À son retour de vacances, elle était congédiée sans motif. Il n’y a pas eu de mesure de discipline progressive, même si une politique des « trois fautes » était en place.

Notre cliente avait l’impression d’avoir été congédiée parce qu’il était plus facile de « se débarrasser » d’une personne souffrant d’une invalidité et qu’elle était maintenant étiquetée comme étant « la fraudeuse noire ». Elle évoqua quatre exemples de collègues de race blanche n’ayant pas été congédiés pour des incidents similaires.

Le Centre a négocié une entente qui comprenait :

  • Une indemnité pour la discrimination;
  • Une formation aux droits de l’homme par un consultant externe pour toute l’équipe de direction;
  • Une lettre de recommandation positive et des références verbales dans le même sens;
  • Une clause de non-dénigrement mutuel.

Un événement personnel traumatisant mène à un licenciement

Une femme était contractuelle depuis près de cinq ans lorsqu’elle se fait offrir un poste permanent de cadre. Cette année-là, son mari subit une blessure traumatique qui le laisse paralysé de façon permanente. Elle connait des périodes de dépression, d’anxiété et de chagrin, et sa performance au travail s’en est ressentie.

Son directeur commença à surexaminer son travail et lui refusât ses demandes de vacances. Son employeur lui demanda éventuellement si elle souffrait d’une invalidité, ce à quoi elle répondit « non » et mentionna qu’elle préférait ne pas en parler. Elle était licenciée peu de temps après pour cause de problèmes de rendement.

Ce licenciement eut un impact profond sur notre cliente. Elle se trouva un autre emploi, mais développa une peur démesurée d’être incapable de soutenir sa famille financièrement.

Le Centre a négocié une entente qui comprenait :

  • Une indemnité pour la discrimination;
  • Une attestation d’emploi révisée stipulant qu’elle avait quitté son poste pour poursuivre d’autres projets;
  • Le retrait du licenciement de son dossier, afin qu’elle puisse postuler aux emplois affichés à l’interne pendant deux ans.

Un camionneur est un poids trop lourd à porter

Un camionneur se blesse au dos sur son lieu de travail. Tout d’abord, son employeur prend des mesures pour l’accommoder, mais il est par la suite congédié.

L’employeur prétend qu’il restructure l’entreprise et que plusieurs autres chauffeurs sont touchés. Par contre, les autres chauffeurs avaient été mis à pied, et non pas congédiés.  
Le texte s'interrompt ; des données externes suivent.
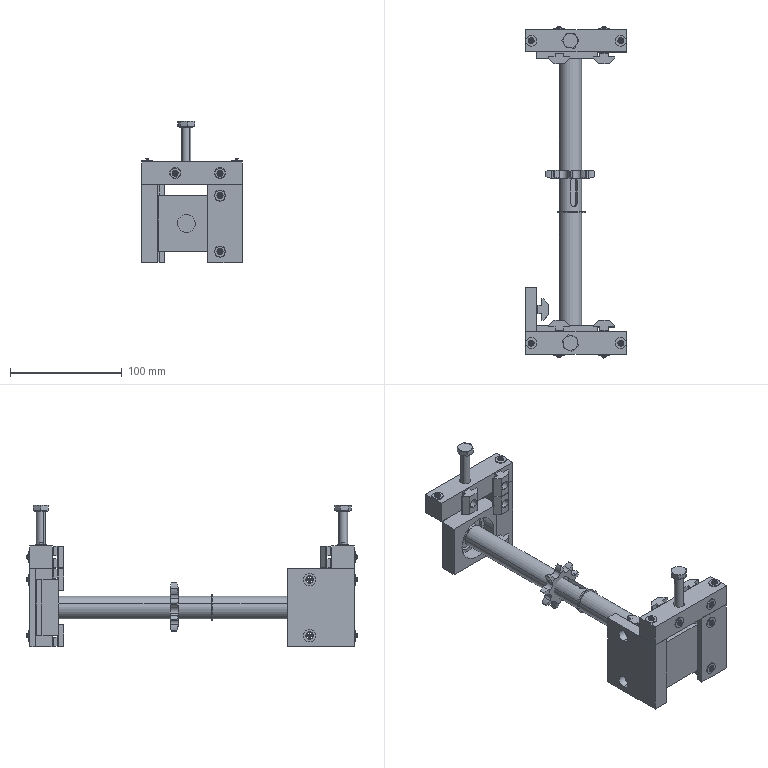Assembly | SolidWorks | mm | 63 component files | 63 solids | 1262 faces | box 90 x 296.4 x 126.4 mm | volume 353563 mm3 | plane 541 | cylinder 367 | torus 158 | sphere 100 | cone 96 | commonest cylinder face diameters 3 x64 4.2 x36 10 x28 1.6 x28 5.5 x24 6 x23 8 x20 22.466 x19
Bill of materials:
CTM-T-12-AG-02 | 2 | Q235A | Long rectangular bar with three through holes in the top face (a larger one near the middle and a smaller one near each end) and two cross holes through one long side face.
CTM-T-12-AG-03 | 1 | Q235A | Thick rectangular plate with an L-shaped profile: a small step or lip runs along one edge. Two through holes pass through the large face, and one hole is drilled into the narrow top end face.
CTM-T-12-AG-04 | 2 | Q235A | Solid rectangular block with a stepped (tongue-like) profile: a narrower raised section projects from one face, and a small notch shows at one top corner in isometric. No holes visible.
CTM-T-12-AG-05 | 2 | Q235A | Upright rectangular block with a rectangular notch (rabbet) at one top corner. Two through holes pass through one side face, and a single hole is drilled into the top face.
CTM-T-12-D-GD-03 | 1 | 45 | Stepped cylindrical shaft or pin: reduced-diameter journals at both ends and a slot (keyway-like) on the central section. Several circumferential seam lines divide the body into segments.
hex head bolts-full thread grade c gb | 2 |  | Hex-head bolt shape: chamfered hexagonal head on a plain cylindrical shank with a chamfered tip.
hexagon socket head cap screws gb | 14 |  | Socket-head cap screw shape: cylindrical head with a hexagonal socket recess, a plain cylindrical shank, and a chamfered end.
plain washers--product grade c gb | 12 |  | Plain flat washer: a thin annular disc with a central round hole.
self-aligning ball bearings gb | 2 |  | Ball-bearing-like assembly: an outer ring and an inner ring with a single row of 12 visible spherical rolling elements between them. No cage or shields visible.
ShaftRetainingRingTypeA-20-GB894.1-1986 | 2 | 65Mn | Flat split retaining ring (circlip shape) with a gap and two lugs, each with a small hole, beside the opening.
short pitch roller chain wheel_s_iso | 1 |  | Toothed disc with 9 teeth, rounded tooth gaps, and a plain central round bore; resembles a small chain sprocket.
spring lock washers--normal type gb | 12 |  | Split ring with a rectangular cross-section and one angled cut through the ring; resembles a split lock washer.
SquareNutBlock-MC6-8-30 | 2 | Purchased Part | Prismatic block with a constant T-shaped cross-section: a narrow rectangular stem on one side of a wider head whose outer edges are chamfered at about 45 degrees. One round through-hole runs through the wide flat face, roughly centred.
SquareNutBlock-MC8-8-40 | 8 | Purchased Part | Prismatic block with a T-shaped cross-section: a rectangular stem under a wider head with chamfered sides. A large round through-hole runs through the square face. A narrow rectangular slot is cut across the stem, partway into its depth, and meets the hole.
Mates:
1. concentric | self-aligning ball bearings gb-2 face at (40.4, -17, 35) dir (0, 1, 0) r 3 | CTM-T-12-D-GD-03-1 face at (40.4, -7, 35) dir (0, -1, 0) r 8.5
2. concentric | CTM-T-12-D-GD-03-1 face at (40.4, -270, 35) dir (0, 1, 0) r 10 | short pitch roller chain wheel_s_iso-1 face at (40.4, -123.269, 35) dir (0, -1, 0) r 6
3. width | self-aligning ball bearings gb-2 face at (43.023, -20, 36.455) dir (0, -1, 0) | self-aligning ball bearings gb-1 face at (43.75, -270, 38.933) dir (0, 1, 0) | CTM-T-12-D-GD-03-1 face at (40.4, -270, 35) dir (0, -1, 0) | CTM-T-12-D-GD-03-1 face at (40.4, -20, 35) dir (0, 1, 0)
4. width | CTM-T-12-AG-03-2 face at (0.4, -230, 0) dir (0, 0, -1) | CTM-T-12-AG-03-2 face at (0.4, -230, 70) dir (0, 0, 1) | CTM-T-12-AG-04-1 face at (15.4, -284, 60) dir (0, 0, 1) | CTM-T-12-AG-04-1 face at (15.4, -284, 10) dir (0, 0, -1)
5. concentric | self-aligning ball bearings gb-1 face at (40.4, -273, 35) dir (0, 1, 0) r 9.5 | CTM-T-12-AG-04-1 face at (40.4, -276, 35) dir (0, 1, 0) r 20
6. coincident | self-aligning ball bearings gb-1 face at (46.56, -276, 42.232) dir (0, -1, 0) | CTM-T-12-AG-04-1 face at (40.4, -276, 35) dir (0, 1, 0)
7. concentric | self-aligning ball bearings gb-2 face at (40.4, -17, 35) dir (0, 1, 0) r 9.5 | CTM-T-12-AG-04-2 face at (40.4, -14, 35) dir (0, -1, 0) r 20
8. coincident | self-aligning ball bearings gb-2 face at (46.808, -14, 38.554) dir (0, 1, 0) | CTM-T-12-AG-04-2 face at (40.4, -14, 35) dir (0, -1, 0)
9. coincident | CTM-T-12-AG-05-1 face at (59.4, 0, 70) dir (0, 0, 1) | CTM-T-12-AG-02-1 face at (90.4, 0, 70) dir (0, 0, -1)
10. coincident | CTM-T-12-AG-05-2 face at (59.4, -290, 70) dir (0, 0, 1) | CTM-T-12-AG-02-2 face at (90.4, -290, 70) dir (0, 0, -1)
11. distance | CTM-T-12-AG-02-2 face at (90.4, -270, 90) dir (0, 1, 0) | CTM-T-12-AG-02-1 face at (90.4, -20, 70) dir (0, -1, 0)
12. coincident | CTM-T-12-AG-02-2 face at (90.4, -290, 90) dir (0, 0, 1) | CTM-T-12-AG-02-1 face at (90.4, 0, 90) dir (0, 0, 1)
13. coincident | CTM-T-12-AG-02-2 face at (90.4, -270, 90) dir (1, 0, 0) | CTM-T-12-AG-02-1 face at (90.4, -20, 70) dir (1, 0, 0)
14. concentric | CTM-T-12-AG-02-2 face at (85.4, -280, 70) dir (0, 0, -1) r 3.5 | CTM-T-12-AG-05-2 face at (85.4, -280, 70) dir (0, 0, 1) r 3
15. concentric | CTM-T-12-AG-02-1 face at (85.4, -10, 90) dir (0, 0, 1) r 3.5 | CTM-T-12-AG-05-1 face at (85.4, -10, 70) dir (0, 0, 1) r 3
16. concentric | CTM-T-12-AG-02-2 face at (5.4, -280, 70) dir (0, 0, -1) r 3.5 | CTM-T-12-AG-03-2 face at (5.4, -280, 70) dir (0, 0, 1) r 3
17. coincident | CTM-T-12-AG-02-2 face at (90.4, -290, 90) dir (0, -1, 0) | CTM-T-12-AG-05-2 face at (90.4, -290, 70) dir (0, -1, 0)
18. coincident | CTM-T-12-AG-02-2 face at (90.4, -290, 90) dir (0, -1, 0) | CTM-T-12-AG-03-2 face at (0.4, -290, 0) dir (0, -1, 0)
19. width | CTM-T-12-AG-04-2 face at (59.4, -6, 10) dir (0, 1, 0) | CTM-T-12-AG-04-1 face at (59.4, -284, 60) dir (0, -1, 0) | CTM-T-12-AG-05-1 face at (59.4, -5, 0) dir (0, -1, 0) | CTM-T-12-AG-05-2 face at (59.4, -285, 70) dir (0, 1, 0)
20. coincident | CTM-T-12-D-GD-03-1 face at (45.383, -155, 40.14) dir (-0.9436, 0, 0.3311) | short pitch roller chain wheel_s_iso-1 face at (43.231, -106.669, 34.007) dir (-0.9436, 0, 0.3311)
21. coincident | CTM-T-12-D-GD-03-1 face at (40.4, -270, 35) dir (0, -1, 0) | self-aligning ball bearings gb-1 face at (43.75, -270, 38.933) dir (0, 1, 0)
22. coincident | CTM-T-12-AG-04-1 face at (59.4, -279, 60) dir (1, 0, 0) | CTM-T-12-AG-05-2 face at (59.4, -290, 70) dir (-1, 0, 0)
23. coincident | CTM-T-12-AG-04-2 face at (59.4, -11, 10) dir (1, 0, 0) | CTM-T-12-AG-05-1 face at (59.4, 0, 0) dir (-1, 0, 0)
24. concentric | CTM-T-12-D-GD-03-1 face at (40.4, -270, 35) dir (0, 1, 0) r 10 | ShaftRetainingRingTypeA-20-GB894.1-1986-1 face at (40.4, -127.35, 35) dir (0, 1, 0) r 11.25
25. concentric | CTM-T-12-D-GD-03-1 face at (40.4, -270, 35) dir (0, 1, 0) r 10 | ShaftRetainingRingTypeA-20-GB894.1-1986-2 face at (40.4, -163.65, 35) dir (0, 1, 0) r 11.25
26. coincident | CTM-T-12-D-GD-03-1 face at (40.4, -163.65, 35) dir (0, 1, 0) | ShaftRetainingRingTypeA-20-GB894.1-1986-2 face at (46.83, -163.65, 24.573) dir (0, -1, 0)
27. coincident | CTM-T-12-D-GD-03-1 face at (40.4, -126.35, 35) dir (0, -1, 0) | ShaftRetainingRingTypeA-20-GB894.1-1986-1 face at (46.83, -126.35, 24.573) dir (0, 1, 0)
28. concentric | hexagon socket head cap screws gb-1 face at (85.4, -10, 85.6) dir (0, 0, 1) r 0.8 | plain washers--product grade c gb-3 face at (85.4, -10, 90) dir (0, 0, 1) r 2.75
29. coincident | CTM-T-12-AG-02-1 face at (90.4, 0, 90) dir (0, 0, 1) | plain washers--product grade c gb-3 face at (85.4, -10, 90) dir (0, 0, -1)
30. concentric | hexagon socket head cap screws gb-1 face at (85.4, -10, 85.6) dir (0, 0, 1) r 0.8 | spring lock washers--normal type gb-1 face at (85.4, -10, 91) dir (0, 0, 1) r 1.5
31. coincident | plain washers--product grade c gb-3 face at (85.4, -10, 91) dir (0, 0, 1) | spring lock washers--normal type gb-1 face at (85.4, -10, 91) dir (0, 0, -1)
32. concentric | CTM-T-12-AG-02-1 face at (85.4, -10, 90) dir (0, 0, 1) r 3.5 | hexagon socket head cap screws gb-1 face at (85.4, -10, 85.6) dir (0, 0, 1) r 0.8
33. coincident | hexagon socket head cap screws gb-1 face at (85.4, -10, 91.6) dir (0, 0, -1) | spring lock washers--normal type gb-1 face at (85.4, -10, 91.6) dir (0, 0, 1)
34. concentric | hexagon socket head cap screws gb-2 face at (5.4, -10, 85.6) dir (0, 0, 1) r 0.8 | plain washers--product grade c gb-4 face at (5.4, -10, 90) dir (0, 0, 1) r 2.75
35. coincident | CTM-T-12-AG-02-1 face at (90.4, 0, 90) dir (0, 0, 1) | plain washers--product grade c gb-4 face at (5.4, -10, 90) dir (0, 0, -1)
36. concentric | hexagon socket head cap screws gb-2 face at (5.4, -10, 85.6) dir (0, 0, 1) r 0.8 | spring lock washers--normal type gb-2 face at (5.4, -10, 91) dir (0, 0, 1) r 1.5
37. coincident | plain washers--product grade c gb-4 face at (5.4, -10, 91) dir (0, 0, 1) | spring lock washers--normal type gb-2 face at (5.4, -10, 91) dir (0, 0, -1)
38. concentric | CTM-T-12-AG-02-1 face at (5.4, -10, 90) dir (0, 0, 1) r 3.5 | hexagon socket head cap screws gb-2 face at (5.4, -10, 85.6) dir (0, 0, 1) r 0.8
39. coincident | hexagon socket head cap screws gb-2 face at (5.4, -10, 91.6) dir (0, 0, -1) | spring lock washers--normal type gb-2 face at (5.4, -10, 91.6) dir (0, 0, 1)
40. concentric | hexagon socket head cap screws gb-3 face at (85.4, -280, 85.6) dir (0, 0, 1) r 0.8 | plain washers--product grade c gb-7 face at (85.4, -280, 90) dir (0, 0, 1) r 2.75
41. coincident | CTM-T-12-AG-02-2 face at (90.4, -290, 90) dir (0, 0, 1) | plain washers--product grade c gb-7 face at (85.4, -280, 90) dir (0, 0, -1)
42. concentric | hexagon socket head cap screws gb-3 face at (85.4, -280, 85.6) dir (0, 0, 1) r 0.8 | spring lock washers--normal type gb-3 face at (85.4, -280, 91) dir (0, 0, 1) r 1.5
43. coincident | plain washers--product grade c gb-7 face at (85.4, -280, 91) dir (0, 0, 1) | spring lock washers--normal type gb-3 face at (85.4, -280, 91) dir (0, 0, -1)
44. concentric | CTM-T-12-AG-02-2 face at (85.4, -280, 70) dir (0, 0, -1) r 3.5 | hexagon socket head cap screws gb-3 face at (85.4, -280, 85.6) dir (0, 0, 1) r 0.8
45. coincident | hexagon socket head cap screws gb-3 face at (85.4, -280, 91.6) dir (0, 0, -1) | spring lock washers--normal type gb-3 face at (85.4, -280, 91.6) dir (0, 0, 1)
46. concentric | hexagon socket head cap screws gb-4 face at (5.4, -280, 85.6) dir (0, 0, 1) r 0.8 | plain washers--product grade c gb-8 face at (5.4, -280, 90) dir (0, 0, 1) r 2.75
47. coincident | CTM-T-12-AG-02-2 face at (90.4, -290, 90) dir (0, 0, 1) | plain washers--product grade c gb-8 face at (5.4, -280, 90) dir (0, 0, -1)
48. concentric | hexagon socket head cap screws gb-4 face at (5.4, -280, 85.6) dir (0, 0, 1) r 0.8 | spring lock washers--normal type gb-4 face at (5.4, -280, 91) dir (0, 0, 1) r 1.5
49. coincident | plain washers--product grade c gb-8 face at (5.4, -280, 91) dir (0, 0, 1) | spring lock washers--normal type gb-4 face at (5.4, -280, 91) dir (0, 0, -1)
50. concentric | CTM-T-12-AG-02-2 face at (5.4, -280, 70) dir (0, 0, -1) r 3.5 | hexagon socket head cap screws gb-4 face at (5.4, -280, 85.6) dir (0, 0, 1) r 0.8
51. coincident | hexagon socket head cap screws gb-4 face at (5.4, -280, 91.6) dir (0, 0, -1) | spring lock washers--normal type gb-4 face at (5.4, -280, 91.6) dir (0, 0, 1)
52. concentric | hexagon socket head cap screws gb-5 face at (70.4, -4.4, 60) dir (0, 1, 0) r 0.8 | plain washers--product grade c gb-11 face at (70.4, 0, 60) dir (0, 1, 0) r 2.75
53. coincident | CTM-T-12-AG-05-1 face at (90.4, 0, 0) dir (0, 1, 0) | plain washers--product grade c gb-11 face at (70.4, 0, 60) dir (0, -1, 0)
54. concentric | hexagon socket head cap screws gb-5 face at (70.4, -4.4, 60) dir (0, 1, 0) r 0.8 | spring lock washers--normal type gb-5 face at (70.4, 1, 60) dir (0, 1, 0) r 1.5
55. coincident | plain washers--product grade c gb-11 face at (70.4, 1, 60) dir (0, 1, 0) | spring lock washers--normal type gb-5 face at (70.4, 1, 60) dir (0, -1, 0)
56. concentric | CTM-T-12-AG-05-1 face at (70.4, 0, 60) dir (0, 1, 0) r 4.5 | hexagon socket head cap screws gb-5 face at (70.4, -4.4, 60) dir (0, 1, 0) r 0.8
57. coincident | hexagon socket head cap screws gb-5 face at (70.4, 1.6, 60) dir (0, -1, 0) | spring lock washers--normal type gb-5 face at (70.4, 1.6, 60) dir (0, 1, 0)
58. concentric | hexagon socket head cap screws gb-6 face at (70.4, -4.4, 10) dir (0, 1, 0) r 0.8 | plain washers--product grade c gb-12 face at (70.4, 0, 10) dir (0, 1, 0) r 2.75
59. coincident | CTM-T-12-AG-05-1 face at (90.4, 0, 0) dir (0, 1, 0) | plain washers--product grade c gb-12 face at (70.4, 0, 10) dir (0, -1, 0)
60. concentric | hexagon socket head cap screws gb-6 face at (70.4, -4.4, 10) dir (0, 1, 0) r 0.8 | spring lock washers--normal type gb-6 face at (70.4, 1, 10) dir (0, 1, 0) r 1.5
61. coincident | plain washers--product grade c gb-12 face at (70.4, 1, 10) dir (0, 1, 0) | spring lock washers--normal type gb-6 face at (70.4, 1, 10) dir (0, -1, 0)
62. concentric | CTM-T-12-AG-05-1 face at (70.4, 0, 10) dir (0, 1, 0) r 4.5 | hexagon socket head cap screws gb-6 face at (70.4, -4.4, 10) dir (0, 1, 0) r 0.8
63. coincident | hexagon socket head cap screws gb-6 face at (70.4, 1.6, 10) dir (0, -1, 0) | spring lock washers--normal type gb-6 face at (70.4, 1.6, 10) dir (0, 1, 0)
64. concentric | hexagon socket head cap screws gb-7 face at (70.4, -285.6, 10) dir (0, -1, 0) r 0.8 | plain washers--product grade c gb-17 face at (70.4, -290, 10) dir (0, -1, 0) r 2.75
65. coincident | CTM-T-12-AG-05-2 face at (90.4, -290, 70) dir (0, -1, 0) | plain washers--product grade c gb-17 face at (70.4, -290, 10) dir (0, 1, 0)
66. concentric | hexagon socket head cap screws gb-7 face at (70.4, -285.6, 10) dir (0, -1, 0) r 0.8 | spring lock washers--normal type gb-11 face at (70.4, -291, 10) dir (0, -1, 0) r 1.5
67. coincident | plain washers--product grade c gb-17 face at (70.4, -291, 10) dir (0, -1, 0) | spring lock washers--normal type gb-11 face at (70.4, -291, 10) dir (0, 1, 0)
68. concentric | CTM-T-12-AG-05-2 face at (70.4, -290, 10) dir (0, -1, 0) r 4.5 | hexagon socket head cap screws gb-7 face at (70.4, -285.6, 10) dir (0, -1, 0) r 0.8
69. coincident | hexagon socket head cap screws gb-7 face at (70.4, -291.6, 10) dir (0, 1, 0) | spring lock washers--normal type gb-11 face at (70.4, -291.6, 10) dir (0, -1, 0)
70. concentric | hexagon socket head cap screws gb-8 face at (70.4, -285.6, 60) dir (0, -1, 0) r 0.8 | plain washers--product grade c gb-18 face at (70.4, -290, 60) dir (0, -1, 0) r 2.75
71. coincident | CTM-T-12-AG-05-2 face at (90.4, -290, 70) dir (0, -1, 0) | plain washers--product grade c gb-18 face at (70.4, -290, 60) dir (0, 1, 0)
72. concentric | hexagon socket head cap screws gb-8 face at (70.4, -285.6, 60) dir (0, -1, 0) r 0.8 | spring lock washers--normal type gb-12 face at (70.4, -291, 60) dir (0, -1, 0) r 1.5
73. coincident | plain washers--product grade c gb-18 face at (70.4, -291, 60) dir (0, -1, 0) | spring lock washers--normal type gb-12 face at (70.4, -291, 60) dir (0, 1, 0)
74. concentric | CTM-T-12-AG-05-2 face at (70.4, -290, 60) dir (0, -1, 0) r 4.5 | hexagon socket head cap screws gb-8 face at (70.4, -285.6, 60) dir (0, -1, 0) r 0.8
75. coincident | hexagon socket head cap screws gb-8 face at (70.4, -291.6, 60) dir (0, 1, 0) | spring lock washers--normal type gb-12 face at (70.4, -291.6, 60) dir (0, -1, 0)
76. concentric | CTM-T-12-AG-03-2 face at (0.4, -250, 60) dir (-1, 0, 0) r 3.3 | hexagon socket head cap screws gb-18 face at (13.2, -250, 60) dir (-1, 0, 0) r 0.8
77. coincident | CTM-T-12-AG-03-2 face at (7.2, -253.3, 60) dir (-1, 0, 0) | hexagon socket head cap screws gb-18 face at (7.2, -250, 60) dir (1, 0, 0)
78. concentric | CTM-T-12-AG-03-2 face at (0.4, -250, 10) dir (-1, 0, 0) r 3.3 | hexagon socket head cap screws gb-19 face at (13.2, -250, 10) dir (-1, 0, 0) r 0.8
79. coincident | CTM-T-12-AG-03-2 face at (7.2, -253.3, 10) dir (-1, 0, 0) | hexagon socket head cap screws gb-19 face at (7.2, -250, 10) dir (1, 0, 0)
80. concentric | SquareNutBlock-MC8-8-40-1 face at (70.4, -259.6, 60) dir (0, 1, 0) r 4 | hexagon socket head cap screws gb-8 face at (70.4, -285.6, 60) dir (0, -1, 0) r 0.8
81. parallel | CTM-T-12-AG-05-2 face at (90.4, -290, 70) dir (1, 0, 0) | SquareNutBlock-MC8-8-40-1 face at (79.9, -264.4, 69.65) dir (1, 0, 0)
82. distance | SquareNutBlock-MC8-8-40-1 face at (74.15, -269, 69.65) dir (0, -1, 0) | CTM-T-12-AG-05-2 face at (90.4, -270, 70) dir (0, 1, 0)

L’employeur déclara à notre client qu’il ne lui verserait pas d’indemnité de départ parce qu’il avait présenté une requête en droit de l’homme.

Le Centre a négocié un règlement qui comprenait :

  • Une indemnité pour la discrimination;
  • Une lettre de recommandation.

Une petite dose de harcèlement est « normale » dans le milieu?

Une femme était harcelée sexuellement sur son lieu de travail par son patron, qui était aussi copropriétaire de l’entreprise. Il lui faisait des commentaires à connotation sexuelle, lui écrivait des lettres, faisait des livraisons chez elle en dehors des heures de travail et avait tenté de l’embrasser à maintes reprises. Lorsqu’elle a signalé ces comportements à l’autre copropriétaire, ce dernier lui a dit qu’une petite dose de harcèlement était normale dans l’industrie de la construction.

Elle a démissionné.

Le Centre a négocié un règlement qui comprenait :

  • Une indemnité pour la discrimination;
  • Une indemnité pour la perte de revenu et les dépenses encourues pour ses déplacements vers son nouveau lieu de travail, situé à plus grande distance de chez elle;
  • Élaboration d’une politique en matière de harcèlement sexuel.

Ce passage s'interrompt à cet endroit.